The crude oil price drop is mainly due to a stable supply. Over the summer, oil prices rose steadily due to fears of disruption of the oil supply. The fears were heightened by continued fighting in Iraq, instability in Nigeria and questions about the future of Russia’s largest oil company. At the same time, demand, especially in Asia, was increasing rapidly. The big winners were oil companies. The three largest U.S. oil companies all reported growth in third quarter profits in excess of 50 percent.
Now, with a slowdown in the growth of economy in China, the world’s second largest oil consumer, demand is fading. At the same time, fears of a disrupted oil supply have not materialized. In fact, exports from Iraq’s oil fields jumped 7 percent to 1.84 million barrels last month, the highest level since the U.S. invasion.
Future oil prices will be influenced by who won Tuesday’s presidential election. PFC Energy, a Washington consulting firm, predicts oil will cost an average of $48 a barrel in 2005 if President Bush is re-elected vs. $43 a barrel if John Kerry wins.

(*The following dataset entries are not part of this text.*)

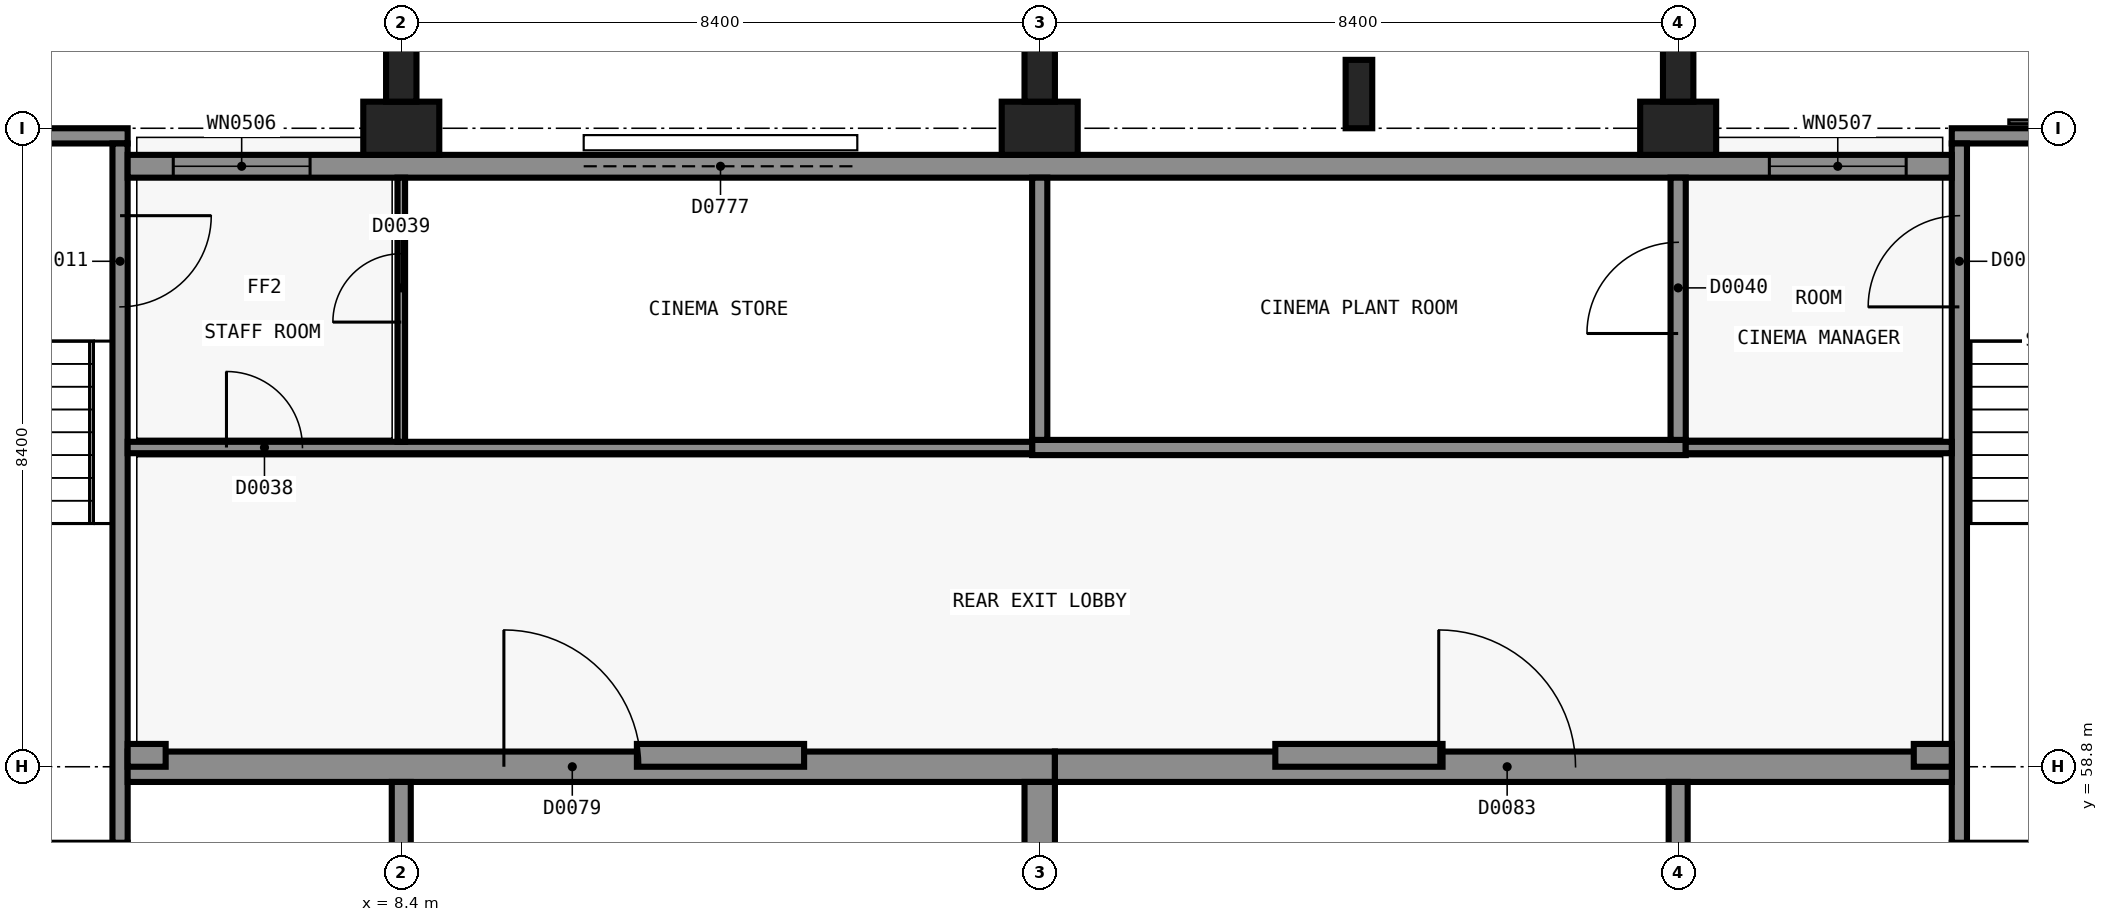
"""IFC4 building model, lengths in metres.
Left out: names, types, materials, properties, quantities, classifications, styles, units other than length and angle.
Written with IfcOpenShell. Run it as: python <this file> out.ifc"""

import sys

from ifc_helpers import new_model, si_unit, direction, frame, frame_2d, origin, origin_2d, place, context, subcontext, project, spatial, polyline, rectangle, outline, extrude, element, fill, save


model = new_model("IFC4")
c1 = context("Model", 3, precision=1e-05, world=origin(), true_north=direction((0.0, 1.0)))
c2 = subcontext(c1, "Body", "Model", "MODEL_VIEW")
j1 = project(units=[si_unit("LENGTHUNIT", "METRE"), si_unit("PLANEANGLEUNIT", "RADIAN")], contexts=[c1])
p1 = place(None, origin())
s1 = spatial("IfcSite", under=j1, at=p1, CompositionType="ELEMENT")
p2 = place(p1, origin())
s2 = spatial("IfcBuilding", under=s1, at=p2, CompositionType="ELEMENT")
p3 = place(p2, origin())
s3 = spatial("IfcBuildingStorey", under=s2, at=p3, CompositionType="ELEMENT", Elevation=0.0)
p4 = place(p3, frame((0.0, 67.1, -0.3), z_axis=(0.0, 0.0, 1.0), x_axis=(1.0, 0.0, 0.0)))
e1 = element("IfcWall", 1, at=p4, inside=s3, PredefinedType="SHEAR", context=c2, shape_type="SweptSolid", body=[
    extrude(rectangle(XDim=4.8, YDim=0.2, at=frame_2d((2.4, 0.0))), origin(), (0.0, 0.0, 1.0), 5.7),
])
p5 = place(p4, frame((1.85, 0.0, 0.0)))
e2 = element("IfcOpeningElement", 2, at=p5, cuts=e1, PredefinedType="OPENING", context=c2, shape_type="SweptSolid", body=[
    extrude(rectangle(XDim=1.1, YDim=2.2, at=frame_2d((0.55, 1.1))), frame((0.0, 0.11, 0.0), z_axis=(0.0, -1.0, 0.0), x_axis=(1.0, 0.0, 0.0)), (0.0, 0.0, 1.0), 0.22),
])
p6 = place(p3, frame((4.7, 67.0, -0.3), z_axis=(0.0, 0.0, 1.0), x_axis=(0.0, -1.0, 0.0)))
e3 = element("IfcWall", 3, at=p6, inside=s3, PredefinedType="SHEAR", context=c2, shape_type="SweptSolid", body=[
    extrude(rectangle(XDim=9.2, YDim=0.2, at=frame_2d((4.6, 0.0))), origin(), (0.0, 0.0, 1.0), 5.7),
])
p7 = place(p6, frame((0.95, 0.0, 0.3)))
e4 = element("IfcOpeningElement", 4, at=p7, cuts=e3, PredefinedType="OPENING", context=c2, shape_type="SweptSolid", body=[
    extrude(rectangle(XDim=1.2, YDim=2.1, at=frame_2d((0.6, 1.05))), frame((0.0, 0.11, 0.0), z_axis=(0.0, -1.0, 0.0), x_axis=(1.0, 0.0, 0.0)), (0.0, 0.0, 1.0), 0.22),
])
p8 = place(p3, frame((28.8, 67.1, -0.3), z_axis=(0.0, 0.0, 1.0), x_axis=(1.0, 0.0, 0.0)))
e5 = element("IfcWall", 5, at=p8, inside=s3, PredefinedType="SHEAR", context=c2, shape_type="SweptSolid", body=[
    extrude(rectangle(XDim=4.8, YDim=0.2, at=frame_2d((2.4, 0.0))), origin(), (0.0, 0.0, 1.0), 5.7),
])
p9 = place(p8, frame((1.85, 0.0, 0.0)))
e6 = element("IfcOpeningElement", 6, at=p9, cuts=e5, PredefinedType="OPENING", context=c2, shape_type="SweptSolid", body=[
    extrude(rectangle(XDim=1.1, YDim=2.2, at=frame_2d((0.55, 1.1))), frame((0.0, 0.11, 0.0), z_axis=(0.0, -1.0, 0.0), x_axis=(1.0, 0.0, 0.0)), (0.0, 0.0, 1.0), 0.22),
])
p10 = place(p3, frame((28.9, 57.8, -0.3), z_axis=(0.0, 0.0, 1.0), x_axis=(0.0, 1.0, 0.0)))
e7 = element("IfcWall", 7, at=p10, inside=s3, PredefinedType="SHEAR", context=c2, shape_type="SweptSolid", body=[
    extrude(rectangle(XDim=9.2, YDim=0.2, at=frame_2d((4.6, 0.0))), origin(), (0.0, 0.0, 1.0), 5.7),
])
p11 = place(p10, frame((7.05, 0.0, 0.3)))
e8 = element("IfcOpeningElement", 8, at=p11, cuts=e7, PredefinedType="OPENING", context=c2, shape_type="SweptSolid", body=[
    extrude(rectangle(XDim=1.2, YDim=2.1, at=frame_2d((0.6, 1.05))), frame((0.0, 0.11, 0.0), z_axis=(0.0, -1.0, 0.0), x_axis=(1.0, 0.0, 0.0)), (0.0, 0.0, 1.0), 0.22),
])
p12 = place(p3, frame((4.8, 58.8, -0.3), z_axis=(0.0, 0.0, 1.0), x_axis=(1.0, 0.0, 0.0)))
e9 = element("IfcWall", 9, at=p12, inside=s3, PredefinedType="SHEAR", context=c2, shape_type="SweptSolid", body=[
    extrude(rectangle(XDim=12.2, YDim=0.4, at=frame_2d((6.1, 0.0))), origin(), (0.0, 0.0, 1.0), 5.7),
])
p13 = place(p12, frame((4.95, 0.0, 0.3)))
e10 = element("IfcOpeningElement", 10, at=p13, cuts=e9, PredefinedType="OPENING", context=c2, shape_type="SweptSolid", body=[
    extrude(rectangle(XDim=1.8, YDim=2.1, at=frame_2d((0.9, 1.05))), frame((0.0, 0.21, 0.0), z_axis=(0.0, -1.0, 0.0), x_axis=(1.0, 0.0, 0.0)), (0.0, 0.0, 1.0), 0.42),
])
p14 = place(p3, frame((16.8, 58.6, -0.3), z_axis=(0.0, 0.0, 1.0), x_axis=(0.0, -1.0, 0.0)))
e11 = element("IfcWall", 11, at=p14, inside=s3, PredefinedType="SHEAR", context=c2, shape_type="SweptSolid", body=[
    extrude(rectangle(XDim=16.4, YDim=0.4, at=frame_2d((8.2, 0.0))), origin(), (0.0, 0.0, 1.0), 5.7),
])
p15 = place(p3, frame((17.0, 58.8, -0.3), z_axis=(0.0, 0.0, 1.0), x_axis=(1.0, 0.0, 0.0)))
e12 = element("IfcWall", 12, at=p15, inside=s3, PredefinedType="SHEAR", context=c2, shape_type="SweptSolid", body=[
    extrude(rectangle(XDim=11.8, YDim=0.4, at=frame_2d((5.9, 0.0))), origin(), (0.0, 0.0, 1.0), 5.7),
])
p16 = place(p15, frame((5.05, 0.0, 0.3)))
e13 = element("IfcOpeningElement", 13, at=p16, cuts=e12, PredefinedType="OPENING", context=c2, shape_type="SweptSolid", body=[
    extrude(rectangle(XDim=1.8, YDim=2.1, at=frame_2d((0.9, 1.05))), frame((0.0, 0.21, 0.0), z_axis=(0.0, -1.0, 0.0), x_axis=(1.0, 0.0, 0.0)), (0.0, 0.0, 1.0), 0.42),
])
for number, where, z_axis, x_axis in (
    (14, (8.4, 43.1, -0.3), (0.0, 0.0, 1.0), (0.0, 1.0, 0.0)),
    (15, (25.2, 43.1, -0.3), (0.0, 0.0, 1.0), (0.0, 1.0, 0.0)),
):
    element("IfcWall", number, at=place(p3, frame(where, z_axis=z_axis, x_axis=x_axis)), inside=s3, PredefinedType="SOLIDWALL", context=c2, shape_type="SweptSolid", body=[
        extrude(outline(polyline([(0.0, 0.0), (15.5, 0.0), (15.5, 2.324), (0.0, 0.154), (0.0, 0.0)])), frame((0.0, 0.125, 0.0), z_axis=(0.0, -1.0, 0.0), x_axis=(1.0, 0.0, 0.0)), (0.0, 0.0, 1.0), 0.25),
    ])
for number, where, z_axis, x_axis in (
    (16, (8.4, 67.2, -0.3), (0.0, 0.0, 1.0), (1.0, 0.0, 0.0)),
    (17, (16.8, 67.2, -0.3), (0.0, 0.0, 1.0), (1.0, 0.0, 0.0)),
    (18, (25.2, 67.2, -0.3), (0.0, 0.0, 1.0), (1.0, 0.0, 0.0)),
):
    element("IfcColumn", number, at=place(p3, frame(where, z_axis=z_axis, x_axis=x_axis)), inside=s3, PredefinedType="COLUMN", context=c2, shape_type="SweptSolid", body=[
        extrude(rectangle(XDim=1.0, YDim=0.7, at=origin_2d()), origin(), (0.0, 0.0, 1.0), 5.7),
    ])
p17 = place(p3, frame((5.3, 58.95, -1.2), z_axis=(0.0, 0.0, 1.0), x_axis=(-1.0, 0.0, 0.0)))
e19 = element("IfcWall", 19, at=p17, inside=s3, PredefinedType="SOLIDWALL", context=c2, shape_type="SweptSolid", body=[
    extrude(rectangle(XDim=0.5, YDim=0.3, at=frame_2d((0.25, 0.0))), origin(), (0.0, 0.0, 1.0), 0.9),
])
p18 = place(p3, frame((13.7, 58.95, -1.2), z_axis=(0.0, 0.0, 1.0), x_axis=(-1.0, 0.0, 0.0)))
e20 = element("IfcWall", 20, at=p18, inside=s3, PredefinedType="SOLIDWALL", context=c2, shape_type="SweptSolid", body=[
    extrude(rectangle(XDim=2.2, YDim=0.3, at=frame_2d((1.1, 0.0))), origin(), (0.0, 0.0, 1.0), 0.9),
])
p19 = place(p3, frame((22.1, 58.95, -1.2), z_axis=(0.0, 0.0, 1.0), x_axis=(-1.0, 0.0, 0.0)))
e21 = element("IfcWall", 21, at=p19, inside=s3, PredefinedType="SOLIDWALL", context=c2, shape_type="SweptSolid", body=[
    extrude(rectangle(XDim=2.2, YDim=0.3, at=frame_2d((1.1, 0.0))), origin(), (0.0, 0.0, 1.0), 0.9),
])
p20 = place(p3, frame((28.8, 58.95, -1.2), z_axis=(0.0, 0.0, 1.0), x_axis=(-1.0, 0.0, 0.0)))
e22 = element("IfcWall", 22, at=p20, inside=s3, PredefinedType="SOLIDWALL", context=c2, shape_type="SweptSolid", body=[
    extrude(rectangle(XDim=0.5, YDim=0.3, at=frame_2d((0.25, 0.0))), origin(), (0.0, 0.0, 1.0), 0.9),
])
p21 = place(p3, frame((4.8, 66.7, 0.0), z_axis=(0.0, 0.0, 1.0), x_axis=(1.0, 0.0, 0.0)))
e23 = element("IfcWall", 23, at=p21, inside=s3, PredefinedType="SOLIDWALL", context=c2, shape_type="SweptSolid", body=[
    extrude(rectangle(XDim=24.0, YDim=0.3, at=frame_2d((12.0, 0.0))), origin(), (0.0, 0.0, 1.0), 5.1),
])
p22 = place(p21, frame((6.0, 0.0, 0.0)))
e24 = element("IfcOpeningElement", 24, at=p22, cuts=e23, PredefinedType="OPENING", context=c2, shape_type="SweptSolid", body=[
    extrude(rectangle(XDim=3.6, YDim=2.4, at=frame_2d((1.8, 1.2))), frame((0.0, 0.16, 0.0), z_axis=(0.0, -1.0, 0.0), x_axis=(1.0, 0.0, 0.0)), (0.0, 0.0, 1.0), 0.32),
])
p23 = place(p21, frame((0.6, 0.0, 0.9)))
e25 = element("IfcOpeningElement", 25, at=p23, cuts=e23, PredefinedType="OPENING", context=c2, shape_type="SweptSolid", body=[
    extrude(rectangle(XDim=1.8, YDim=1.5, at=frame_2d((0.9, 0.75))), frame((0.0, 0.16, 0.0), z_axis=(0.0, -1.0, 0.0), x_axis=(1.0, 0.0, 0.0)), (0.0, 0.0, 1.0), 0.32),
])
p24 = place(p21, frame((21.6, 0.0, 0.9)))
e26 = element("IfcOpeningElement", 26, at=p24, cuts=e23, PredefinedType="OPENING", context=c2, shape_type="SweptSolid", body=[
    extrude(rectangle(XDim=1.8, YDim=1.5, at=frame_2d((0.9, 0.75))), frame((0.0, 0.16, 0.0), z_axis=(0.0, -1.0, 0.0), x_axis=(1.0, 0.0, 0.0)), (0.0, 0.0, 1.0), 0.32),
])
for number, where, z_axis, x_axis in (
    (27, (8.4, 68.15, -0.3), (0.0, 0.0, 1.0), (1.0, 0.0, 0.0)),
    (28, (16.8, 68.15, -0.3), (0.0, 0.0, 1.0), (1.0, 0.0, 0.0)),
):
    element("IfcColumn", number, at=place(p3, frame(where, z_axis=z_axis, x_axis=x_axis)), inside=s3, PredefinedType="PILASTER", context=c2, shape_type="SweptSolid", body=[
        extrude(rectangle(XDim=0.4, YDim=1.2, at=origin_2d()), origin(), (0.0, 0.0, 1.0), 5.7),
    ])
p25 = place(p3, frame((21.0, 67.65, -0.3), z_axis=(0.0, 0.0, 1.0), x_axis=(1.0, 0.0, 0.0)))
e29 = element("IfcColumn", 29, at=p25, inside=s3, PredefinedType="PILASTER", context=c2, shape_type="SweptSolid", body=[
    extrude(rectangle(XDim=0.35, YDim=0.9, at=origin_2d()), origin(), (0.0, 0.0, 1.0), 5.7),
])
p26 = place(p3, frame((25.2, 68.15, -0.3), z_axis=(0.0, 0.0, 1.0), x_axis=(1.0, 0.0, 0.0)))
e30 = element("IfcColumn", 30, at=p26, inside=s3, PredefinedType="PILASTER", context=c2, shape_type="SweptSolid", body=[
    extrude(rectangle(XDim=0.4, YDim=1.2, at=origin_2d()), origin(), (0.0, 0.0, 1.0), 5.7),
])
p27 = place(p3, frame((16.7, 63.0, 0.0), z_axis=(0.0, 0.0, 1.0), x_axis=(1.0, 0.0, 0.0)))
e31 = element("IfcWall", 31, at=p27, inside=s3, PredefinedType="SOLIDWALL", context=c2, shape_type="SweptSolid", body=[
    extrude(rectangle(XDim=8.6, YDim=0.2, at=frame_2d((4.3, 0.0))), origin(), (0.0, 0.0, 1.0), 4.4),
])
p28 = place(p3, frame((16.8, 63.1, 0.0), z_axis=(0.0, 0.0, 1.0), x_axis=(0.0, 1.0, 0.0)))
e32 = element("IfcWall", 32, at=p28, inside=s3, PredefinedType="SOLIDWALL", context=c2, shape_type="SweptSolid", body=[
    extrude(rectangle(XDim=3.45, YDim=0.2, at=frame_2d((1.725, 0.0))), origin(), (0.0, 0.0, 1.0), 4.4),
])
p29 = place(p3, frame((16.8, 66.85, 0.0), z_axis=(0.0, 0.0, 1.0), x_axis=(0.0, 1.0, 0.0)))
e33 = element("IfcWall", 33, at=p29, inside=s3, PredefinedType="SOLIDWALL", context=c2, shape_type="SweptSolid", body=[
    extrude(rectangle(XDim=0.45, YDim=0.2, at=frame_2d((0.225, 0.0))), origin(), (0.0, 0.0, 1.0), 4.4),
])
p30 = place(p3, frame((25.2, 63.1, 0.0), z_axis=(0.0, 0.0, 1.0), x_axis=(0.0, 1.0, 0.0)))
e34 = element("IfcWall", 34, at=p30, inside=s3, PredefinedType="SOLIDWALL", context=c2, shape_type="SweptSolid", body=[
    extrude(rectangle(XDim=3.45, YDim=0.2, at=frame_2d((1.725, 0.0))), origin(), (0.0, 0.0, 1.0), 4.4),
])
p31 = place(p30, frame((1.4, 0.0, 0.0)))
e35 = element("IfcOpeningElement", 35, at=p31, cuts=e34, PredefinedType="OPENING", context=c2, shape_type="SweptSolid", body=[
    extrude(rectangle(XDim=1.2, YDim=2.1, at=frame_2d((0.6, 1.05))), frame((0.0, 0.11, 0.0), z_axis=(0.0, -1.0, 0.0), x_axis=(1.0, 0.0, 0.0)), (0.0, 0.0, 1.0), 0.22),
])
p32 = place(p3, frame((25.2, 66.85, 0.0), z_axis=(0.0, 0.0, 1.0), x_axis=(0.0, 1.0, 0.0)))
e36 = element("IfcWall", 36, at=p32, inside=s3, PredefinedType="SOLIDWALL", context=c2, shape_type="SweptSolid", body=[
    extrude(rectangle(XDim=0.45, YDim=0.2, at=frame_2d((0.225, 0.0))), origin(), (0.0, 0.0, 1.0), 4.4),
])
p33 = place(p3, frame((4.8, 63.0, 0.0), z_axis=(0.0, 0.0, 1.0), x_axis=(1.0, 0.0, 0.0)))
e37 = element("IfcWall", 37, at=p33, inside=s3, PredefinedType="PARTITIONING", context=c2, shape_type="SweptSolid", body=[
    extrude(rectangle(XDim=11.9, YDim=0.15, at=frame_2d((5.95, 0.0))), origin(), (0.0, 0.0, 1.0), 4.4),
])
p34 = place(p33, frame((1.3, 0.0, 0.0)))
e38 = element("IfcOpeningElement", 38, at=p34, cuts=e37, PredefinedType="OPENING", context=c2, shape_type="SweptSolid", body=[
    extrude(rectangle(XDim=1.0, YDim=2.1, at=frame_2d((0.5, 1.05))), frame((0.0, 0.085, 0.0), z_axis=(0.0, -1.0, 0.0), x_axis=(1.0, 0.0, 0.0)), (0.0, 0.0, 1.0), 0.17),
])
p35 = place(p3, frame((25.3, 63.0, 0.0), z_axis=(0.0, 0.0, 1.0), x_axis=(1.0, 0.0, 0.0)))
e39 = element("IfcWall", 39, at=p35, inside=s3, PredefinedType="PARTITIONING", context=c2, shape_type="SweptSolid", body=[
    extrude(rectangle(XDim=3.5, YDim=0.15, at=frame_2d((1.75, 0.0))), origin(), (0.0, 0.0, 1.0), 4.4),
])
p36 = place(p3, frame((8.4, 63.075, 0.0), z_axis=(0.0, 0.0, 1.0), x_axis=(0.0, 1.0, 0.0)))
e40 = element("IfcWall", 40, at=p36, inside=s3, PredefinedType="PARTITIONING", context=c2, shape_type="SweptSolid", body=[
    extrude(rectangle(XDim=3.475, YDim=0.1, at=frame_2d((1.738, 0.0))), origin(), (0.0, 0.0, 1.0), 4.4),
])
p37 = place(p36, frame((1.575, 0.0, 0.0)))
e41 = element("IfcOpeningElement", 41, at=p37, cuts=e40, PredefinedType="OPENING", context=c2, shape_type="SweptSolid", body=[
    extrude(rectangle(XDim=0.9, YDim=2.1, at=frame_2d((0.45, 1.05))), frame((0.0, 0.06, 0.0), z_axis=(0.0, -1.0, 0.0), x_axis=(1.0, 0.0, 0.0)), (0.0, 0.0, 1.0), 0.12),
])
p38 = place(p3, frame((8.4, 66.85, 0.0), z_axis=(0.0, 0.0, 1.0), x_axis=(0.0, 1.0, 0.0)))
e42 = element("IfcWall", 42, at=p38, inside=s3, PredefinedType="PARTITIONING", context=c2, shape_type="SweptSolid", body=[
    extrude(rectangle(XDim=0.4, YDim=0.1, at=frame_2d((0.2, 0.0))), origin(), (0.0, 0.0, 1.0), 4.4),
])
p39 = place(p22, origin())
e43 = element("IfcDoor", 43, at=p39, inside=s3, OperationType="SINGLE_SWING_LEFT", PredefinedType="GATE", context=c2, shape_type="SweptSolid", body=[
    extrude(rectangle(XDim=3.6, YDim=2.4, at=frame_2d((1.8, 1.2))), frame((0.0, 0.025, 0.0), z_axis=(0.0, -1.0, 0.0), x_axis=(1.0, 0.0, 0.0)), (0.0, 0.0, 1.0), 0.05),
])
fill(e24, e43)
p40 = place(p23, origin())
e44 = element("IfcWindow", 44, at=p40, inside=s3, PartitioningType="SINGLE_PANEL", PredefinedType="WINDOW", context=c2, shape_type="SweptSolid", body=[
    extrude(rectangle(XDim=1.8, YDim=1.5, at=frame_2d((0.9, 0.75))), frame((0.0, 0.03, 0.0), z_axis=(0.0, -1.0, 0.0), x_axis=(1.0, 0.0, 0.0)), (0.0, 0.0, 1.0), 0.06),
])
fill(e25, e44)
p41 = place(p24, origin())
e45 = element("IfcWindow", 45, at=p41, inside=s3, PartitioningType="SINGLE_PANEL", PredefinedType="WINDOW", context=c2, shape_type="SweptSolid", body=[
    extrude(rectangle(XDim=1.8, YDim=1.5, at=frame_2d((0.9, 0.75))), frame((0.0, 0.03, 0.0), z_axis=(0.0, -1.0, 0.0), x_axis=(1.0, 0.0, 0.0)), (0.0, 0.0, 1.0), 0.06),
])
fill(e26, e45)
p42 = place(p7, origin())
e46 = element("IfcDoor", 46, at=p42, inside=s3, OperationType="SINGLE_SWING_RIGHT", PredefinedType="DOOR", context=c2, shape_type="SweptSolid", body=[
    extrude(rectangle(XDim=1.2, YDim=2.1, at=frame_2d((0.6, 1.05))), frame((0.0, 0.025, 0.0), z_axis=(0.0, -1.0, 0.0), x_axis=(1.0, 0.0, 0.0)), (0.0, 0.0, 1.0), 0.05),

One reason is that Sen. Kerry has pledged to stop supplying the Strategic Petroleum Reserve while the price is high to allow for more oil on the open market. The Bush administration has refused to release oil from the reserve to reduce prices and is moving ahead to meet its target of having 700 million barrels in the underground caverns.
The men also differ on energy policy. While both want to reduce U.S. reliance on foreign oil, President Bush aims to do so by increasing domestic supplies and Sen. Kerry focuses on cutting demand. The president would increase U.S. oil production by allowing more exploration and drilling on federal land, including in the Arctic National Wildlife Refuge. Sen. Kerry calls for more fuel-efficient vehicles and appliances and more us of alternative energy.
Energy experts say that neither approach will do much to decrease the need for foreign oil, which is cheaper to produce, but they agree that conservation can reduce prices.
Something to think about when filling the Hummer with $2-a-gallon gasoline.